A minimalist industrial cavern underneath a Shoreditch pizza restaurant, Concrete looks like someone's tried to recreate the Hacienda on a restricted budget.

At any rate, the venue is well named - practically every surface is brutalist grey, while contstruction site lamps glow overhead. Of course, maybe all this building site chic isn't actually decor. Quite possibly they just haven't finished building the place yet. But this stark cellar is where Las Kellies are throwing down their grooves. Let's hope they warm things up a bit.

By accident or design, there are no support bands. Strange, for there must be a hundred bands in London who'd jump at a support slot tonight - and most of them would probably boost the numbers a bit, too. Although there's a respectable crowd in front of the stage by the time Las Kellies eventually emerge, the venue is never particularly packed.

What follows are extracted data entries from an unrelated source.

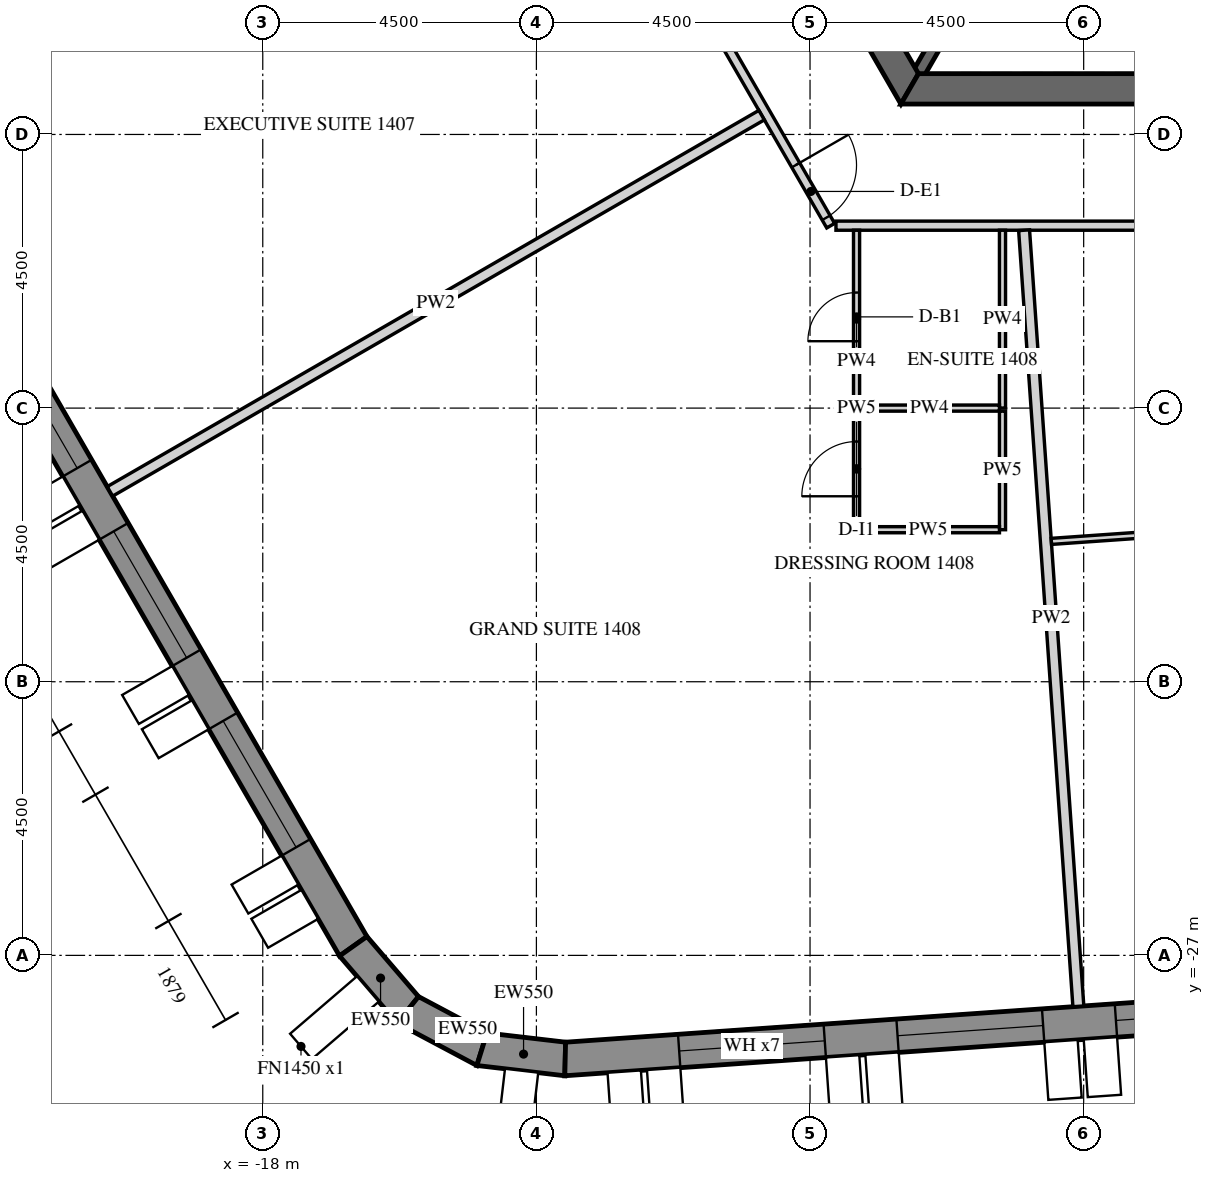
"""IFC4 building model, lengths in metres.
Left out: names, types, materials, properties, quantities, classifications, styles, units other than length and angle.
Written with IfcOpenShell. Run it as: python <this file> out.ifc"""

import sys

from ifc_helpers import new_model, si_unit, direction, frame, frame_2d, origin, place, context, subcontext, project, spatial, polyline, rectangle, outline, extrude, element, fill, save


model = new_model("IFC4")
c1 = context("Model", 3, precision=1e-05, world=origin(), true_north=direction((0.0, 1.0)))
c2 = subcontext(c1, "Body", "Model", "MODEL_VIEW")
j1 = project(units=[si_unit("LENGTHUNIT", "METRE"), si_unit("PLANEANGLEUNIT", "RADIAN")], contexts=[c1])
p1 = place(None, origin())
s1 = spatial("IfcSite", under=j1, at=p1, CompositionType="ELEMENT")
p2 = place(p1, origin())
s2 = spatial("IfcBuilding", under=s1, at=p2, CompositionType="ELEMENT")
p3 = place(p2, frame((0.0, 0.0, 183.9)))
s3 = spatial("IfcBuildingStorey", under=s2, at=p3, CompositionType="ELEMENT", Elevation=183.9)
p4 = place(p3, frame((-30.391, -2.811, -0.15), z_axis=(0.0, 0.0, 1.0), x_axis=(0.499998569178, -0.866026229868, 0.0)))
e1 = element("IfcWall", 1, at=p4, inside=s3, PredefinedType="SOLIDWALL", context=c2, shape_type="SweptSolid", body=[
    extrude(outline(polyline([(-0.022, -0.275), (27.783, -0.275), (27.732, 0.275), (0.022, 0.275), (-0.022, -0.275)])), origin(), (0.0, 0.0, 1.0), 3.9),
])
p5 = place(p4, frame((1.879, 0.0, 1.05)))
e2 = element("IfcOpeningElement", 2, at=p5, cuts=e1, PredefinedType="OPENING", context=c2, shape_type="SweptSolid", body=[
    extrude(rectangle(XDim=2.4, YDim=2.4, at=frame_2d((1.2, 1.2))), frame((0.0, 0.285, 0.0), z_axis=(0.0, -1.0, 0.0), x_axis=(1.0, 0.0, 0.0)), (0.0, 0.0, 1.0), 0.57),
])
p6 = place(p4, frame((5.479, 0.0, 1.05)))
e3 = element("IfcOpeningElement", 3, at=p6, cuts=e1, PredefinedType="OPENING", context=c2, shape_type="SweptSolid", body=[
    extrude(rectangle(XDim=2.4, YDim=2.4, at=frame_2d((1.2, 1.2))), frame((0.0, 0.285, 0.0), z_axis=(0.0, -1.0, 0.0), x_axis=(1.0, 0.0, 0.0)), (0.0, 0.0, 1.0), 0.57),
])
p7 = place(p4, frame((9.079, 0.0, 1.05)))
e4 = element("IfcOpeningElement", 4, at=p7, cuts=e1, PredefinedType="OPENING", context=c2, shape_type="SweptSolid", body=[
    extrude(rectangle(XDim=2.4, YDim=2.4, at=frame_2d((1.2, 1.2))), frame((0.0, 0.285, 0.0), z_axis=(0.0, -1.0, 0.0), x_axis=(1.0, 0.0, 0.0)), (0.0, 0.0, 1.0), 0.57),
])
p8 = place(p4, frame((12.679, 0.0, 1.05)))
e5 = element("IfcOpeningElement", 5, at=p8, cuts=e1, PredefinedType="OPENING", context=c2, shape_type="SweptSolid", body=[
    extrude(rectangle(XDim=2.4, YDim=2.4, at=frame_2d((1.2, 1.2))), frame((0.0, 0.285, 0.0), z_axis=(0.0, -1.0, 0.0), x_axis=(1.0, 0.0, 0.0)), (0.0, 0.0, 1.0), 0.57),
])
p9 = place(p4, frame((16.279, 0.0, 1.05)))
e6 = element("IfcOpeningElement", 6, at=p9, cuts=e1, PredefinedType="OPENING", context=c2, shape_type="SweptSolid", body=[
    extrude(rectangle(XDim=2.4, YDim=2.4, at=frame_2d((1.2, 1.2))), frame((0.0, 0.285, 0.0), z_axis=(0.0, -1.0, 0.0), x_axis=(1.0, 0.0, 0.0)), (0.0, 0.0, 1.0), 0.57),
])
p10 = place(p4, frame((19.879, 0.0, 1.05)))
e7 = element("IfcOpeningElement", 7, at=p10, cuts=e1, PredefinedType="OPENING", context=c2, shape_type="SweptSolid", body=[
    extrude(rectangle(XDim=2.4, YDim=2.4, at=frame_2d((1.2, 1.2))), frame((0.0, 0.285, 0.0), z_axis=(0.0, -1.0, 0.0), x_axis=(1.0, 0.0, 0.0)), (0.0, 0.0, 1.0), 0.57),
])
p11 = place(p4, frame((23.479, 0.0, 1.05)))
e8 = element("IfcOpeningElement", 8, at=p11, cuts=e1, PredefinedType="OPENING", context=c2, shape_type="SweptSolid", body=[
    extrude(rectangle(XDim=2.4, YDim=2.4, at=frame_2d((1.2, 1.2))), frame((0.0, 0.285, 0.0), z_axis=(0.0, -1.0, 0.0), x_axis=(1.0, 0.0, 0.0)), (0.0, 0.0, 1.0), 0.57),
])
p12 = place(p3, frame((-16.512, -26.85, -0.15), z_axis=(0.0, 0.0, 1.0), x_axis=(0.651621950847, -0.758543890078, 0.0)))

That's strange thing number two, for the band are on something of a roll at the moment. Their new album has been getting favourable reviews all over the media, tunes from it have been popping up on the radio. On the Las Kelliesface of it you'd expect this to be some sort of breakthrough moment for Las Kellies, but I suppose there's a difference between getting a good reaction in the media, and getting a good crowd in to a brutalist basement in Shoreditch on a Monday night. You can have one or the other, but it ain't easy getting both.

Still, here they come, the three Kellies, reserved and defiantly un-flamboyant, intent on getting the job done. There's no big 'Hello London!" - they just troop out and get stuck in. Their rhythms - and Las Kellies are all about the rhythms - bounce around the concrete cavern, random reverbs lending a dubby subtext to the band's clattering grooves.

The drums are economical, defining the spaces between the beats rather than the beats themselves; the bass doesn't put a foot wrong. The guitar interposes slashes of sonic punctuation, while the vocals float around the rhythm like seagulls wheeling around the mastheads of a schooner. It's infectious, this all-corners music, the songs darting this way and that as if trying to find their way out of a maze. The band's live sound is also significantly harder than the recorded stuff, where production polish smoothes out some of the angles. Live, Las Kellies are all angles, and better for it.

Everyone who reviews Las Kellies mentions the band's debt to The Slits in their space-reggae incarnation, and/or the influence of the uncluttered meta-funk of ESG - and, frankly, it's probably impossible to mention Las Kellies without also noting where they're coming from, musically. But in the context of twenty-first century post-punk, where every other band seems to be chanelling Joy Division, it's refreshing to find Las Kellies casting their net in another part of the post-punk lake entirely, and hauling in some alternative influences.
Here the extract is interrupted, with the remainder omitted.